"Statistical Modeling: The Two Cultures" by Leo Breiman (Statistical Science, 16:199-231, 2001).
According to this, statisticians like to start by making modeling assumptions about how the data is generated (e.g., the response is a noise added to the linear combination of the predictor variables), while in machine learning people use algorithm models and treat the data mechanism as unknown. He estimates that (back in 2001) less than 2% of statisticians work in the realm when the data mechanism is considered as unknown.
It seems that there are two problem with the data model approach.
One is that the this approach does not address the ultimate question which is making good predictions: if the data does not fit the model, this approach has nothing to offer (it does not make sense to apply a statistical test if the assumptions are not valid).
The other problem is that as data become more complex, data models become more cumbersome. Then why bother? With complex models we lose the advantage of easy interpretability, not talking about the computational complexity of fitting such models.
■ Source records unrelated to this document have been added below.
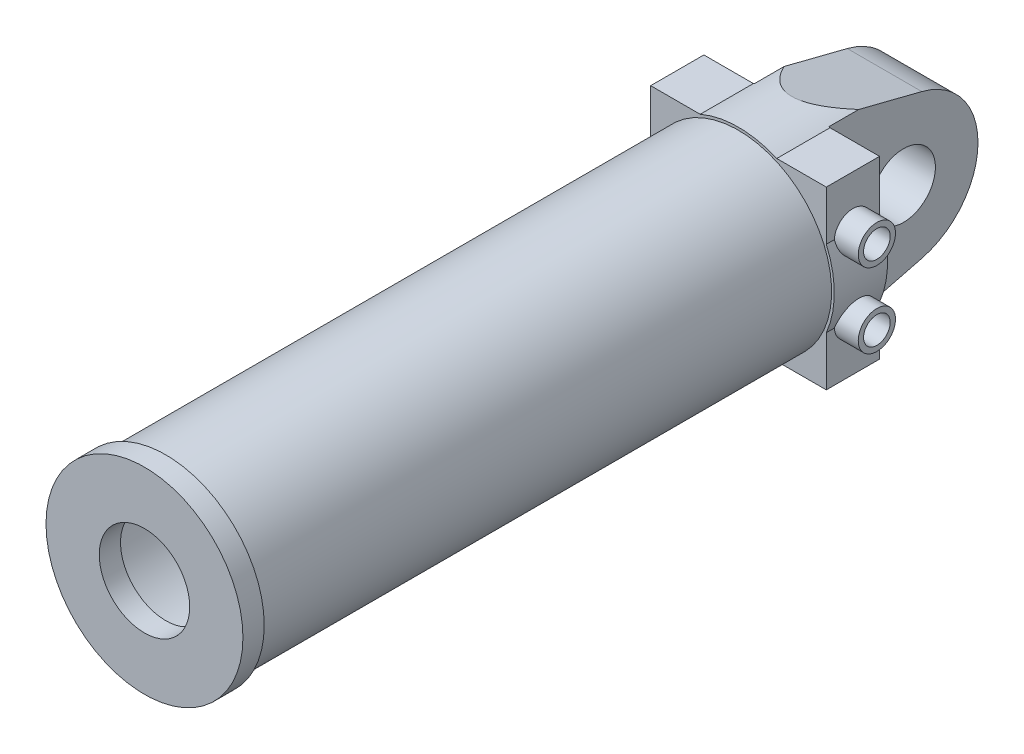
from build123d import *

# Parameters (mm, degrees)
SKETCH_1_R          = 87.5
SKETCH_1_R_2        = 77.5
EXTRUDE_1_DEPTH     = 558
SKETCH_4_R          = 90
EXTRUDE_2_DEPTH     = 50
SKETCH_5_R          = 30
EXTRUDE_3_DEPTH     = 35
SKETCH_6_OUTSIDE_W  = 340.026
SKETCH_6_OUTSIDE_H  = 340.026
SKETCH_6_OUTSIDE_R  = 90
CUT_EXTRUDE_2_DEPTH = 622.179523165
SKETCH_7_R          = 17.5
SKETCH_7_R_2        = 12.5
EXTRUDE_4_DEPTH     = 105
SKETCH_8_R          = 92.5
SKETCH_8_R_2        = 42.5
EXTRUDE_5_DEPTH     = 20
SKETCH_9_W          = 165
SKETCH_9_H          = 165
EXTRUDE_6_DEPTH     = 50


with BuildPart() as part:
    # 草图1 → 凸台-拉伸1 (new body)
    with BuildSketch(Plane.XY):
        Circle(SKETCH_1_R)
        Circle(SKETCH_1_R_2, mode=Mode.SUBTRACT)
    extrude(amount=EXTRUDE_1_DEPTH)

    # 草图4 → 凸台-拉伸2 (add)
    with BuildSketch(Plane(origin=(0, 0, 0), x_dir=(-1, 0, 0), z_dir=(0, 0, -1))):
        Circle(SKETCH_4_R)
    extrude(amount=EXTRUDE_2_DEPTH)

    # 草图5 → 凸台-拉伸3 (add, symmetric)
    with BuildSketch(Plane(origin=(0, 0, 0), x_dir=(0, 0, -1), z_dir=(1, 0, 0))):
        with BuildLine():
            Line((50, 90), (137.230769231, 67.846153846))
            ThreePointArc((137.230769231, 67.846153846), (190, 0), (137.230769231, -67.846153846))
            Line((137.230769231, -67.846153846), (50, -90))
            Line((50, -90), (50, 90))
        make_face()
        with Locations((120, 0)):
            Circle(SKETCH_5_R, mode=Mode.SUBTRACT)
    extrude(amount=EXTRUDE_3_DEPTH, both=True)

    # 草图6 outside → 切除-拉伸2 (cut, through all)
    with BuildSketch(Plane(origin=(0, 0, -50), x_dir=(-1, 0, 0), z_dir=(0, 0, -1))):
        Rectangle(SKETCH_6_OUTSIDE_W, SKETCH_6_OUTSIDE_H)
        with Locations(Location((0, 0, 0), (0, 0, 247.114619524))):
            Circle(SKETCH_6_OUTSIDE_R, mode=Mode.SUBTRACT)
    extrude(amount=CUT_EXTRUDE_2_DEPTH, mode=Mode.SUBTRACT)

    # 草图7 → 凸台-拉伸4 (add)
    # profile 1 of 2: a face of its own
    with BuildSketch(Plane(origin=(0, 0, 0), x_dir=(0, 0, -1), z_dir=(1, 0, 0))):
        with Locations(Location((25, 35, 0), (0, 0, 180))):
            Circle(SKETCH_7_R)
        with Locations(Location((25, 35, 0), (0, 0, 180))):
            Circle(SKETCH_7_R_2, mode=Mode.SUBTRACT)
    # profile 2 of 2: a face of its own
    with BuildSketch(Plane(origin=(0, 0, 0), x_dir=(0, 0, -1), z_dir=(1, 0, 0))):
        with Locations(Location((25, -35, 0), (0, 0, 180))):
            Circle(SKETCH_7_R)
        with Locations(Location((25, -35, 0), (0, 0, 180))):
            Circle(SKETCH_7_R_2, mode=Mode.SUBTRACT)
    extrude(amount=EXTRUDE_4_DEPTH)

    # 草图8 → 凸台-拉伸5 (add)
    with BuildSketch(Plane.XY.offset(558)):
        Circle(SKETCH_8_R)
        Circle(SKETCH_8_R_2, mode=Mode.SUBTRACT)
    extrude(amount=-EXTRUDE_5_DEPTH)

    # 草图9 → 凸台-拉伸6 (add)
    with BuildSketch(Plane(origin=(0, 0, -50), x_dir=(-1, 0, 0), z_dir=(0, 0, -1))):
        Rectangle(SKETCH_9_W, SKETCH_9_H)
    extrude(amount=-EXTRUDE_6_DEPTH)


solid = part.part
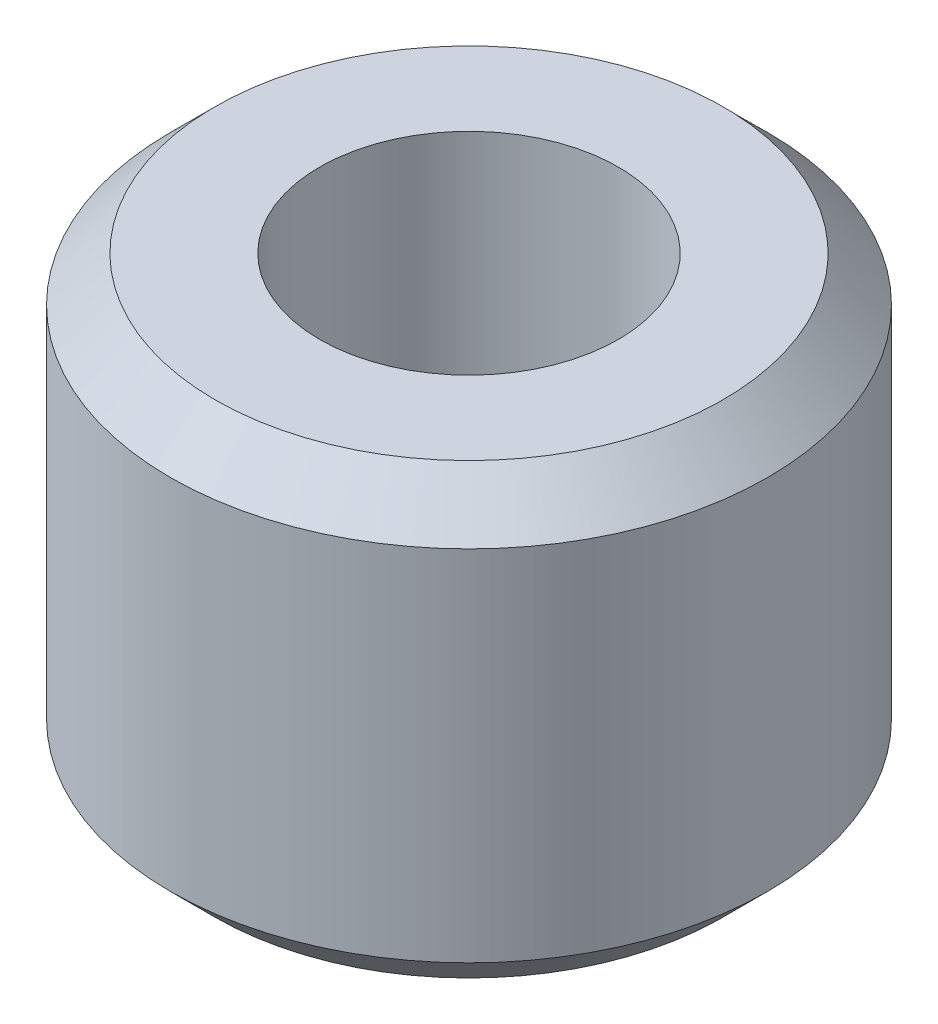
SolidWorks part; units mm, degrees
material "20 steel"
ref_plane "Front Plane" through (0, 0, 0) normal (0, 0, 1) x (1, 0, 0)
ref_plane "Top Plane" through (0, 0, 0) normal (0, 1, 0) x (1, 0, 0)
ref_plane "Right Plane" through (0, 0, 0) normal (1, 0, 0) x (0, 0, -1)
sketch "Sketch1" plane through (0, 0, 0) normal (0, 1, 0) x (1, 0, 0)
  circle A0 centre (0, 0) radius 20
  circle A1 centre (0, 0) radius 10
  dimension "D1" = 40
  dimension "D2" = 20
extrude "Boss-Extrude1" add sketch "Sketch1" along normal blind 30
chamfer "Chamfer1" distance 3 angle 45 2 edges at (0, 0, 20) (0, 30, 20)

The increased interest in Bayesian modeling with Markov Chain Monte Carlo is viewed as the response of the statistical community to this problem. True enough, this approach might be able to scale to complex data, but does this address the first issue? Are not there computationally cheaper alternatives that can achieve the same prediction power?
He characterizes the machine learning approach, as the pragmatic approach: You have to solve a prediction problem, hence take it seriously: Estimate the prediction error and choose the algorithm that gives a predictor with the better accuracy (but let's not forget about data snooping!).
But the paper offers more. Amongst other things it identifies three important recent lessons:
- The multiplicity of good models: If you have many variables, there can be many models of similar prediction accuracy. Use them all by combining their predictions instead of just picking one. This should increase accuracy, reduce instability (sensitivity to perturbations of the data). Boosting, bagging, aggregation using exponential weights are relevant recent popular buzzwords.
- The Occam dilemma: Occam's razor tells you to choose the simplest predictor. Aggregated predictors don't look particularly simple. But aggregation seems to be the right choice otherwise. I would think that Occam's razor tells you only that you should have a prior preference to simple functions. I think this is rather well understood by now.
- Bellman: dimensionality -- curse or blessing: Many features are not bad per se. If your algorithm is prepared to deal with the high-dimensional inputs (SVMs, regularization, random forests are mentioned) then extracting many features can boost accuracy considerably.